Mike Strange: Tennessee is here for a reason

“I’m not totally surprised,” Tony Watson said from the front row of the bleachers during the open practice Thursday. “This team, they showed flashes of brilliance, like against Virginia.”
Mar 28, 2014

 

 

INDIANAPOLIS — So, call the roll. Wichita State. Syracuse. Kansas.

They’re gone.

Creighton. Duke. Villanova.

They’re gone, too.

North Carolina, Cincinnati, Ohio State, Gonzaga and some of the other usual suspects. Gone.

Fifty-two of the 68 teams who went to bed Selection Sunday with a dream. Gone.

“I think we’re blessed and humbled to be here,” Tennessee senior Jeronne Maymon said Thursday.

Here? In the immediate sense, here was a chair in Tennessee’s locker room, deep in the bowels of Lucas Oil Stadium. Around Maymon swarmed a small army of cameras and microphones, few of them familiar faces.

Here is the Sweet 16, the point when that compelling pageant of March, the NCAA men’s basketball tournament, gets serious. Tennessee is still here.

“I’m not totally surprised,” Tony Watson said from the front row of the bleachers during the open practice Thursday. “This team, they showed flashes of brilliance, like against Virginia.”

Watson is a transplanted East Tennessean living in Ohio. He came to Indy with his 17-year-old son — Peyton, of course — to behold Tennessee’s return to the national spotlight.

The spotlight will shine brightest Friday night when the Vols face Michigan in the Midwest Region semifinals, followed by the latest chapter in the hoops Armageddon known as Kentucky-Louisville.

It’s good company. Michigan was supposed to be here, the Midwest’s No. 2 seed. The Vols are the mystery guest.

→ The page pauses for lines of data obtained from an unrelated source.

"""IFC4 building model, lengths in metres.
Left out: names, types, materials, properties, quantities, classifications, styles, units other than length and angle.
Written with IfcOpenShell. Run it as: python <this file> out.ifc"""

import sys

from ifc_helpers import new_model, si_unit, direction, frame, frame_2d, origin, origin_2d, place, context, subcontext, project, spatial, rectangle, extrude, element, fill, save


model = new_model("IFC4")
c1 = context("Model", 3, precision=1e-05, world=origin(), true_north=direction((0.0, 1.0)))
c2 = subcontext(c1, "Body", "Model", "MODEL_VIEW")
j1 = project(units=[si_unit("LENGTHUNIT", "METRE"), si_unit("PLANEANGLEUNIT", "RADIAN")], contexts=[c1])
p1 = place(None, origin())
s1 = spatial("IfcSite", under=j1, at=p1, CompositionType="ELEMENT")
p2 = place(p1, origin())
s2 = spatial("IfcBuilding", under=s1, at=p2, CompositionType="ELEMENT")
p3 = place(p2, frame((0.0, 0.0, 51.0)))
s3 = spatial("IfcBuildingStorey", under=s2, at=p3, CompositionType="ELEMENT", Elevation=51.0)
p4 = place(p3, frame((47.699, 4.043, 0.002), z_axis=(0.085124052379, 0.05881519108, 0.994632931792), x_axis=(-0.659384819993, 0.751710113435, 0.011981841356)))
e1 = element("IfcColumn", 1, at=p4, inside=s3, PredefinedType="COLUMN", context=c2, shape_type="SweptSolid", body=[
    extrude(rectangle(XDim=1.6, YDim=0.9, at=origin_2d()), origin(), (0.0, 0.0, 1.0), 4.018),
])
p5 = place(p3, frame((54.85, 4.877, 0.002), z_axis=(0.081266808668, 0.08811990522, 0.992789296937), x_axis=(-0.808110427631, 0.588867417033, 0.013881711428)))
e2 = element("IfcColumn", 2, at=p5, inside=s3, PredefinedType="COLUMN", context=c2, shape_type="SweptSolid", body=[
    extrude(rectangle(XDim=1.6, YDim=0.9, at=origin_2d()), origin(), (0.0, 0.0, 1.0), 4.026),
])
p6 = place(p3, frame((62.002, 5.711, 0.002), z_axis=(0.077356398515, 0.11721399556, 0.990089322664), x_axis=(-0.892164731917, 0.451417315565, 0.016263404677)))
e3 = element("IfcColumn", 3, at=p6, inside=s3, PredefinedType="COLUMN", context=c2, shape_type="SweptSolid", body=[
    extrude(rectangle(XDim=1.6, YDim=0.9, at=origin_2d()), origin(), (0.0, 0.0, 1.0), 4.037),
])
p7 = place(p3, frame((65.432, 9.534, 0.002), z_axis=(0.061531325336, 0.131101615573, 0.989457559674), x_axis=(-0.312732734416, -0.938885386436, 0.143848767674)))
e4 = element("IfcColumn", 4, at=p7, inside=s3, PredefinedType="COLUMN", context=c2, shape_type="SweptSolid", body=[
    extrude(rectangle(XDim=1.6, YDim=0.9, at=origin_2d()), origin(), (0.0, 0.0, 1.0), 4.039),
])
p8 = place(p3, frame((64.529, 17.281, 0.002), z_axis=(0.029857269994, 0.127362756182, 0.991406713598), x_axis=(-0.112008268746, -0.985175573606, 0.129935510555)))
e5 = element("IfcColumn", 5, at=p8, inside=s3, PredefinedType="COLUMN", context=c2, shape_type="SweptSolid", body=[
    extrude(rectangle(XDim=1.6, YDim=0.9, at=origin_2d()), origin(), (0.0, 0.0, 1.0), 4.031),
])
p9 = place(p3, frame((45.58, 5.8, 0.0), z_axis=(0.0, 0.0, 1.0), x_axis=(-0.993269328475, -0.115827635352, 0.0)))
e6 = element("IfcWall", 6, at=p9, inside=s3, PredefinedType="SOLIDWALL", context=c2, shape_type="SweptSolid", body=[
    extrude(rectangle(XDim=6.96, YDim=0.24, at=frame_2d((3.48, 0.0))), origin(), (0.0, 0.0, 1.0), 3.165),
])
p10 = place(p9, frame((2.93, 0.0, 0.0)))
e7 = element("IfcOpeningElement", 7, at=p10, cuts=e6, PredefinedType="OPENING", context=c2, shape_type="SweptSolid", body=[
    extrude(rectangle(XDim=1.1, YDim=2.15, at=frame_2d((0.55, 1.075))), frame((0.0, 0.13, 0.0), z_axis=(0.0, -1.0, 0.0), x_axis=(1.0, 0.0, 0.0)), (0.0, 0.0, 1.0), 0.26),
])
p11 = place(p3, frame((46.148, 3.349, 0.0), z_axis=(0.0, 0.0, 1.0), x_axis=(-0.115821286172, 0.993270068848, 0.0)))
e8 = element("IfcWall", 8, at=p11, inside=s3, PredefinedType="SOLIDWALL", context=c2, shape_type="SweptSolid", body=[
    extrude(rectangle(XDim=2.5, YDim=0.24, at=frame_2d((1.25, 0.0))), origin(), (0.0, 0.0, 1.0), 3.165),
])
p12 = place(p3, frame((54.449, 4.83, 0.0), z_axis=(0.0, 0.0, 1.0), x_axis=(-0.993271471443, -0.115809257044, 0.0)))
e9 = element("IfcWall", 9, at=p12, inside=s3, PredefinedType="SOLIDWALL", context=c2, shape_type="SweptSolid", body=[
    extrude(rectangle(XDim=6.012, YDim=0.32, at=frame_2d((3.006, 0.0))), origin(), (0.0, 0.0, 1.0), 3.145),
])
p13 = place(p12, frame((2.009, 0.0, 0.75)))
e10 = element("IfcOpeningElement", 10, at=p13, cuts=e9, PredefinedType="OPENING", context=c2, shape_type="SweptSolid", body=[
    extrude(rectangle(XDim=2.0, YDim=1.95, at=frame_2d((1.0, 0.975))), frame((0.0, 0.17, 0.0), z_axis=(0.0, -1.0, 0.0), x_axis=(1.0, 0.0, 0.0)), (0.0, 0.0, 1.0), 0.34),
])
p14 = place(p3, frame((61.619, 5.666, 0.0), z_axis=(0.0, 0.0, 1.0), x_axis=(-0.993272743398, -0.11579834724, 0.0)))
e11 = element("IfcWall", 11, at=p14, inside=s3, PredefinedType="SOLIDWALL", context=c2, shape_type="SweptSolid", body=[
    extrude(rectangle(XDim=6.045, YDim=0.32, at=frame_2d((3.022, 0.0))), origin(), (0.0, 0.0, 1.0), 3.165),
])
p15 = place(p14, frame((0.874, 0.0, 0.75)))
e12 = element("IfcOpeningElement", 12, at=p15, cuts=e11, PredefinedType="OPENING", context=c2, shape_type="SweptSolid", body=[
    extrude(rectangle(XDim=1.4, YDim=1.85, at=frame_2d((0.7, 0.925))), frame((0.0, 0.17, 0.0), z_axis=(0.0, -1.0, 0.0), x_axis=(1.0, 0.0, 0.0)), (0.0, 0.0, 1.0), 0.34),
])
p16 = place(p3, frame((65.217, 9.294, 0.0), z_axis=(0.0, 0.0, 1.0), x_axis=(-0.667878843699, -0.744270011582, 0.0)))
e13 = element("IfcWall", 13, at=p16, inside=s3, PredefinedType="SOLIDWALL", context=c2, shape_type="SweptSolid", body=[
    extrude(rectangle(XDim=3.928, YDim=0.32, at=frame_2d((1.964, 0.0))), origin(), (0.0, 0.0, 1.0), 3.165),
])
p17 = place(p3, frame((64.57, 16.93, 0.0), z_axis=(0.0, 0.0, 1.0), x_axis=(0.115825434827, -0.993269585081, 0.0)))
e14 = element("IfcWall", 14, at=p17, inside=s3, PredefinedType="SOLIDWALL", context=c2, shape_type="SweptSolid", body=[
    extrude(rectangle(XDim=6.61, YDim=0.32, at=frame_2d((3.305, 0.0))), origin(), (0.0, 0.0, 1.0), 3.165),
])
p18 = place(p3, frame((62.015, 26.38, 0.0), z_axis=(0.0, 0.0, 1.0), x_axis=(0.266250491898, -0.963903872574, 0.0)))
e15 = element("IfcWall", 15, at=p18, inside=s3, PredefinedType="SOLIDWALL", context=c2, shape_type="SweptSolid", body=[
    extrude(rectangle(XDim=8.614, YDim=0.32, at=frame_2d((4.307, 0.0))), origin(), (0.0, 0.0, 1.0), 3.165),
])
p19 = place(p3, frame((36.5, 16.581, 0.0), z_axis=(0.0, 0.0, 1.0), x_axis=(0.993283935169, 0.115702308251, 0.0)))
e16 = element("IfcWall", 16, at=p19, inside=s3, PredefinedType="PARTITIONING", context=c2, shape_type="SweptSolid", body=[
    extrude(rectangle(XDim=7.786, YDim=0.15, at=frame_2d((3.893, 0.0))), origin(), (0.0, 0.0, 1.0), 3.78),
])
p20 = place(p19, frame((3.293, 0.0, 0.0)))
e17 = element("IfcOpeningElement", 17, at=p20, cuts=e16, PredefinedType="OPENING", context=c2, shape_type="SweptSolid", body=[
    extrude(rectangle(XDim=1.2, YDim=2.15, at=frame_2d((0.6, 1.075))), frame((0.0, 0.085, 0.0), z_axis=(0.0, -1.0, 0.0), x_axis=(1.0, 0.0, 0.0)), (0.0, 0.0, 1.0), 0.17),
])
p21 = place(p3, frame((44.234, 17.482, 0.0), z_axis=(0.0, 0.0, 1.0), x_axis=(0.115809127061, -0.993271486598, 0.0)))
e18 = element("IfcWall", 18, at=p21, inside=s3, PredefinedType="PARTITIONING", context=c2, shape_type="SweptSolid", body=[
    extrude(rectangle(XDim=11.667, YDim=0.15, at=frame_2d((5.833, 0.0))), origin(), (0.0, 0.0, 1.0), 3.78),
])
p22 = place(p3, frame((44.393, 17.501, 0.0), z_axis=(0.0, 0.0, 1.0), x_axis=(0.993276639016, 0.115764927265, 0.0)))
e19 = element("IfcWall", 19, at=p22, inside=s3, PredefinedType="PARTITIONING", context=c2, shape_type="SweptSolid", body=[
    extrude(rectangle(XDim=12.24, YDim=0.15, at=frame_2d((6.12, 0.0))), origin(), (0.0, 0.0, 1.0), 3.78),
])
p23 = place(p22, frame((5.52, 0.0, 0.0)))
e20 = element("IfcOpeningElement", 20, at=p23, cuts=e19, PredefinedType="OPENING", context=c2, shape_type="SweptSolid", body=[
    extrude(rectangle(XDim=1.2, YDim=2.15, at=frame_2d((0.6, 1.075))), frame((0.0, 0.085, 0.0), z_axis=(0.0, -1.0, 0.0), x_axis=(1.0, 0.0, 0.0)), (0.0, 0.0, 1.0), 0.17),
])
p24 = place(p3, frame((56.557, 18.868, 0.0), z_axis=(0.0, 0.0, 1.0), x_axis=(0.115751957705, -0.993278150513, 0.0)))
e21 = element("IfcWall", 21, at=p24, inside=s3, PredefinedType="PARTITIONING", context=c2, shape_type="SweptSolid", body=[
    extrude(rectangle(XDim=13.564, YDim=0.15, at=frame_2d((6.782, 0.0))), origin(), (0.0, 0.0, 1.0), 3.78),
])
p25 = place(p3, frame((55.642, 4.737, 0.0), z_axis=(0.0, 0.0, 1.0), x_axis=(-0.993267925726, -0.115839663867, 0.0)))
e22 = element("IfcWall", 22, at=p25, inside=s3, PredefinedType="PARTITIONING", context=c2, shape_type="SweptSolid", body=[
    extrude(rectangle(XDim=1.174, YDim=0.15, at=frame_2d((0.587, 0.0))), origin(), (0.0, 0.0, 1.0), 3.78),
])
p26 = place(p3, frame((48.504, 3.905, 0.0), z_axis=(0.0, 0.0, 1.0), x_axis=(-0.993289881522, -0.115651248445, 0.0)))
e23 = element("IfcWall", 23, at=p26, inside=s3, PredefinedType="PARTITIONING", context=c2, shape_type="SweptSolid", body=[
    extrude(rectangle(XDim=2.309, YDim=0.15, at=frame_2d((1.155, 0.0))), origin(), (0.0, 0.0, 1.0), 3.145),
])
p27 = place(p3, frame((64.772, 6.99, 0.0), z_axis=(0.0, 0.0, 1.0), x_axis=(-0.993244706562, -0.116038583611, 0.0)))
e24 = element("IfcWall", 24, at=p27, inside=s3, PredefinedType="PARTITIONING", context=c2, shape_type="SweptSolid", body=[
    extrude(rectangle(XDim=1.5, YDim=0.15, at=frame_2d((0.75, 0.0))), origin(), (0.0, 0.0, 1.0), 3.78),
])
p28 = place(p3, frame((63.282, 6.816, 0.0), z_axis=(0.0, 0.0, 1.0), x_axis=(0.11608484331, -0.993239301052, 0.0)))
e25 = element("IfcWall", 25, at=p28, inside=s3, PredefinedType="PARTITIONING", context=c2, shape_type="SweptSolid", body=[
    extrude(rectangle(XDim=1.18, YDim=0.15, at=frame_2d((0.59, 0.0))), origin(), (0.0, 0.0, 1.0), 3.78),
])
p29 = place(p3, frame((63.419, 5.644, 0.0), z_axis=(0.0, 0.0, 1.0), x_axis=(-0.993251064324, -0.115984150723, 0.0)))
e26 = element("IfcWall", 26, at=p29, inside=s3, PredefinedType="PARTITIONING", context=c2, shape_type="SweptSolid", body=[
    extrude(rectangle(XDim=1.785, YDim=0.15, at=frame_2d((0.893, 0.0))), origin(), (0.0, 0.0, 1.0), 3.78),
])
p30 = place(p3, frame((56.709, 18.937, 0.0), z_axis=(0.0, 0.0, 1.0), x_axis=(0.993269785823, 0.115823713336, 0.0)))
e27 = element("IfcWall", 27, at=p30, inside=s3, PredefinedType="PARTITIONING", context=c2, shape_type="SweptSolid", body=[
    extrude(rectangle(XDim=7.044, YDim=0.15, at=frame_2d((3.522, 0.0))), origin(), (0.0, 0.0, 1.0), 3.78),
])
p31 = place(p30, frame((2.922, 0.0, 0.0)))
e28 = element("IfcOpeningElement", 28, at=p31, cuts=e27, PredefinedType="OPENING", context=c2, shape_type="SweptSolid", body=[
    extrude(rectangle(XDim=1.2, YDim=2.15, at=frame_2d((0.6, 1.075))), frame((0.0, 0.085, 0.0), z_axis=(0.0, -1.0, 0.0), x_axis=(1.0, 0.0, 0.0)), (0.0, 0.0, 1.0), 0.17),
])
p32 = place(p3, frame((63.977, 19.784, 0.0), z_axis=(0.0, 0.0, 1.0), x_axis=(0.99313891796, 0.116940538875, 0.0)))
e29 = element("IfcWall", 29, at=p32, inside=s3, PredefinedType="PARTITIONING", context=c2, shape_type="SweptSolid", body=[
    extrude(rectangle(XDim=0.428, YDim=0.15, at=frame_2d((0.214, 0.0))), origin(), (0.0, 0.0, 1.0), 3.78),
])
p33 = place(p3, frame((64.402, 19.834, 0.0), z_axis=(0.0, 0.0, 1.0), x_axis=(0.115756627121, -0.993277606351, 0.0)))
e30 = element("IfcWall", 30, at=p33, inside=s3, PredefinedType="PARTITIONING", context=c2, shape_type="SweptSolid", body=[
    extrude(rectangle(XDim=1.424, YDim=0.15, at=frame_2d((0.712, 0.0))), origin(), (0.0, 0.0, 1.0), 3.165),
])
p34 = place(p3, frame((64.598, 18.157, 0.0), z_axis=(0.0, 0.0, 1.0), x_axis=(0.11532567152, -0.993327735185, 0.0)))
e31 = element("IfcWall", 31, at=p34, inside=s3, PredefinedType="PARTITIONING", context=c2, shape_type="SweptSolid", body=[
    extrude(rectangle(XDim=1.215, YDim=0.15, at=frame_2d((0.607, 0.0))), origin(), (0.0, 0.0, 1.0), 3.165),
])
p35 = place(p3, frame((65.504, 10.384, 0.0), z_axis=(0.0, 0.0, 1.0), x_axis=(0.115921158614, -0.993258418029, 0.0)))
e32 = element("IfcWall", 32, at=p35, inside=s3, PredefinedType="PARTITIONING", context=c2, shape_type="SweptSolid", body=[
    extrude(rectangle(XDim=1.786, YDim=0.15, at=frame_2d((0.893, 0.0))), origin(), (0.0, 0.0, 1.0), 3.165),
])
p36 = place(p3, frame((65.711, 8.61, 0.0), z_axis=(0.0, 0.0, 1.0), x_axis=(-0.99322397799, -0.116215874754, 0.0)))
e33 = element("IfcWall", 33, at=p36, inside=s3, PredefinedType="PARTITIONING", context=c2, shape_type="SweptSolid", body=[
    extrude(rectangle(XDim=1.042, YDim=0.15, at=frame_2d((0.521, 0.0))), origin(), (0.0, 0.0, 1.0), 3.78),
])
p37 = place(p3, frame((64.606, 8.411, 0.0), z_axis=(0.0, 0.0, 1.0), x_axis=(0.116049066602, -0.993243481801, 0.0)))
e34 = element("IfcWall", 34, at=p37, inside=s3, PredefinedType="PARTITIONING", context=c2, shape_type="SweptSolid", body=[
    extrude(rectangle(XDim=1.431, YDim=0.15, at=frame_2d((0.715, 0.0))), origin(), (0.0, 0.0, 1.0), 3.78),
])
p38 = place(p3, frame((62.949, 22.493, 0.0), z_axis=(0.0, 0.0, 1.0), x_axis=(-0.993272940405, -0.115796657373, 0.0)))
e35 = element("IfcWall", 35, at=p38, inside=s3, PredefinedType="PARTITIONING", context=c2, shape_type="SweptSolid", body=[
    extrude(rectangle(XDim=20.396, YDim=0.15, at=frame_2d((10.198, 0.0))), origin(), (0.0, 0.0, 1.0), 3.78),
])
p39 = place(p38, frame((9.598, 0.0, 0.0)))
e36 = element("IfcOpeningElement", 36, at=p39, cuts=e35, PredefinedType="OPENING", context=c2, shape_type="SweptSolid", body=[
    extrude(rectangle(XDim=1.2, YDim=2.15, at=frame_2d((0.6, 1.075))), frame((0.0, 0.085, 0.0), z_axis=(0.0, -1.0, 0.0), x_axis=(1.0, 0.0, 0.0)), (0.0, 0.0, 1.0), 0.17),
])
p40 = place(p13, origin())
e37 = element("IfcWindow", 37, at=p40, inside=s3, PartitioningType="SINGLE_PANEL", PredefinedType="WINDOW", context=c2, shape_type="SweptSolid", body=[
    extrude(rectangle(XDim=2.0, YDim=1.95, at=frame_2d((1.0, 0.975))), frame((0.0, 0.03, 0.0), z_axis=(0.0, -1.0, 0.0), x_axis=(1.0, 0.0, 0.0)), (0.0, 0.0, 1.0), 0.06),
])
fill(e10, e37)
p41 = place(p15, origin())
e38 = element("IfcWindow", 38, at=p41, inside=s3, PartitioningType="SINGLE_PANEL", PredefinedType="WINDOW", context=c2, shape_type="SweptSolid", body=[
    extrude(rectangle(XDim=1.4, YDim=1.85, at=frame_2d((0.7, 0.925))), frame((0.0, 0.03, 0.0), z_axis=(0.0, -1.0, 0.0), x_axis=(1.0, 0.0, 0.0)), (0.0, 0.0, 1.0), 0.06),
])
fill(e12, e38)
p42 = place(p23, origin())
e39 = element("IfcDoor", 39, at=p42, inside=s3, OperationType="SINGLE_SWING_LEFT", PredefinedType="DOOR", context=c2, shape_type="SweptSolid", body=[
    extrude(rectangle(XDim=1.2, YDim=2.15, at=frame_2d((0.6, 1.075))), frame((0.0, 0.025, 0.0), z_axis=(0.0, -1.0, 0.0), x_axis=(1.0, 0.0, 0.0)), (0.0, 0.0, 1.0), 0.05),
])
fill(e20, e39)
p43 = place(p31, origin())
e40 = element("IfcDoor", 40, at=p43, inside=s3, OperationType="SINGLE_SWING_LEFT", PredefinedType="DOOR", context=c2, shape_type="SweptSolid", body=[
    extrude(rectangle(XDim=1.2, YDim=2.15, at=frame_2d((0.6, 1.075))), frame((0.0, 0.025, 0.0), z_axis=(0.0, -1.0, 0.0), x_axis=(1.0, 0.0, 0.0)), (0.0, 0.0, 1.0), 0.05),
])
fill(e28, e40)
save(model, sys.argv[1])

Well, they did show flashes of brilliance here and there. But Sweet 16? That’s a long way for an 11-seed to travel from a First Four game in Dayton.

“Every team in the Sweet 16, they’re here for a reason,” said Nik Stauskus, Michigan’s Big Ten player of the year.

Believe Stauskus. Tennessee has reasons. Better late than never, the Vols clicked in late February. They’ve been a juggernaut ever since.

Their defense has been stifling. They’ve figured out the offense should flow inside to Jarnell Stokes and then back outside to Jordan McRae and Josh Richardson. Come March, this is a good basketball team.

With every step, from Atlanta to Dayton to Raleigh, the stakes have gotten higher, the crowds bigger, the lights brighter.

And now, a Sweet 16 in a football stadium.

“Yeah,” said sophomore Derek Reese, “I can tell it’s getting bigger and bigger.

“More media. You see famous people that you see on ESPN all the time. It hits you now that this is really big-time.”

Friday, the Vols will play before the biggest crowd in school history, about 40,000. The previous high was 26,776 in San Antonio for a Sweet 16 game in 2007.

It’s fair to wonder if they’re ready for it. Michigan is, seasoned by the road to the championship game a year ago.

“Getting used to the 10-minute walk from your locker room to the floor can be something kids aren’t used to,” said Michigan coach John Beilein.

“(The Wolverines) have been through it. They’ve survived it. And now they just go play basketball.”

It so happens that’s exactly what the Vols are planning on doing as well.

“Sometimes,” said Stokes, “experience is overrated.”

“Basketball,” added Maymon, “doesn’t change, no matter what stage you’re on.”

So there it is, the hope for Friday. Let the outcome be determined by who is the best team on this particular night, not by who’s been on this stage before.

One thing to remember: So many others are gone. They’re just watching.

Tennessee is still here, still on this stage. And as Stauskus said, they’re here for a reason.